Janina Skirlińska

Janina Skirlińska
Skirlińska in 1932 (wording below emblem on uniform shirt reads "Kraków")
Personal information
Born(1907-03-08)8 March 1907
Died23 April 1993(1993-04-23) (aged 86)
Gymnastics career
DisciplineWomen's artistic gymnastics
Country
represented
 Poland
Medal record
Representing  Poland
World Championships
1934 Budapest Team
1934 Budapest All-Around
1938 Prague Team

Janina Skirlińska (8 March 1907 – 23 April 1993) was a Polish artistic gymnast who competed at the 1936 Summer Olympics.[1] She was a member of the Polish women's team at those Olympics, where they placed 6th in the team competition.
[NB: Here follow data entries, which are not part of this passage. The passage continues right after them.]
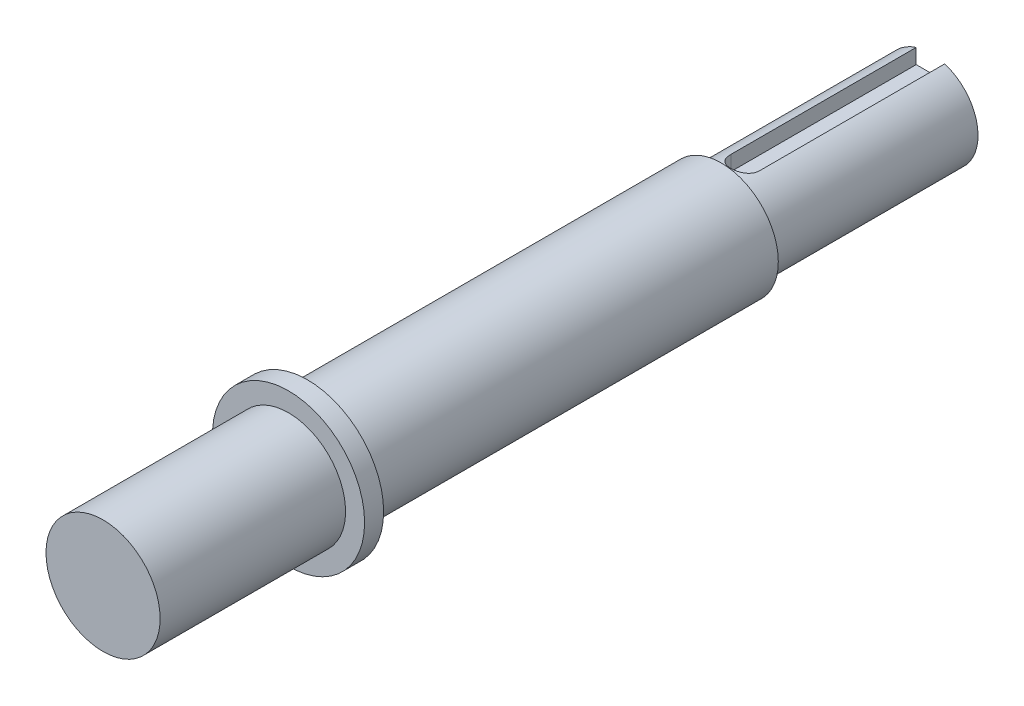
from build123d import *

# Parameters (mm, degrees)
SKETCH_1_R             = 6
EXTRUDE_1_DEPTH        = 65
SKETCH_2_R             = 5
EXTRUDE_2_DEPTH        = 22
SKETCH_3_W             = 2
SKETCH_3_H             = 2
ZJCQC_DEPTH            = 1.8
HOLE_WIZARD_M4_1_D     = 3.3
HOLE_WIZARD_M4_1_DEPTH = 10.1
HOLE_WIZARD_M4_1_TIP   = 0.991420021


with BuildPart() as part:
    # 草图1 → 凸台-拉伸1 (new body)
    with BuildSketch(Plane.XY):
        Circle(SKETCH_1_R)
    extrude(amount=EXTRUDE_1_DEPTH)

    # 草图2 → 凸台-拉伸2 (add)
    with BuildSketch(Plane(origin=(0, 0, 0), x_dir=(-1, 0, 0), z_dir=(0, 0, -1))):
        Circle(SKETCH_2_R)
    extrude(amount=EXTRUDE_2_DEPTH)

    # 草图3 → 旋转1 (revolve)
    with BuildSketch(Plane(origin=(0, 0, 0), x_dir=(1, 0, 0), z_dir=(0, 1, 0)), mode=Mode.PRIVATE) as revolve_1_sk:
        with Locations((-7, -44.5)):
            Rectangle(SKETCH_3_W, SKETCH_3_H)
    revolve(revolve_1_sk.sketch.rotate(Axis((0, 0, 65), (0, 0, -1)), 180), axis=Axis((0, 0, 65), (0, 0, -1)))

    # MyToolsZJC → ZJCQC (cut)
    with BuildSketch(Plane(origin=(0, 5, -22), x_dir=(0, 0, 1), z_dir=(0, 1, 0))):
        with BuildLine():
            Line((-0.5, 1.5), (19.5, 1.5))
            ThreePointArc((19.5, 1.5), (21, 0), (19.5, -1.5))
            Line((19.5, -1.5), (-0.5, -1.5))
            ThreePointArc((-0.5, -1.5), (-2, 0), (-0.5, 1.5))
        make_face()
    extrude(amount=-ZJCQC_DEPTH, mode=Mode.SUBTRACT)

    # M4 螺纹孔1
    with Locations(Plane(origin=(0, 0, -22), x_dir=(-1, 0, 0), z_dir=(0, 0, -1))):
        with Locations((0, 0)):
            Hole(HOLE_WIZARD_M4_1_D / 2, depth=HOLE_WIZARD_M4_1_DEPTH)
            with Locations((0, 0, -(HOLE_WIZARD_M4_1_DEPTH + HOLE_WIZARD_M4_1_TIP / 2))):  # 118° drill point
                Cone(0, HOLE_WIZARD_M4_1_D / 2, HOLE_WIZARD_M4_1_TIP, mode=Mode.SUBTRACT)


solid = part.part

Additionally, she was the Bronze All-Around Medalist at the 1934 World Championships (the first-ever edition of those games that included a women's competition), helping her Polish team to the bronze medal at both that World Championships and the next edition of the World Championships in 1938.

Early life

Skirlińska was born on 8 March 1907 in the small village of Żurawiczki, Poland to Władysław and Helena (née Kwaśniewski) Skirliński who have alternatingly been described as belonging to the intelligentsia[2] and landed gentry[3] classes. She graduated from high school in the nearby larger town of Jarosław with a course emphasis on physical education and military training.[2] In her years after high school, she both trained and taught at the Kraków branch of the Polish Sokół movement where she furthered her studies in physical education and military training.[3]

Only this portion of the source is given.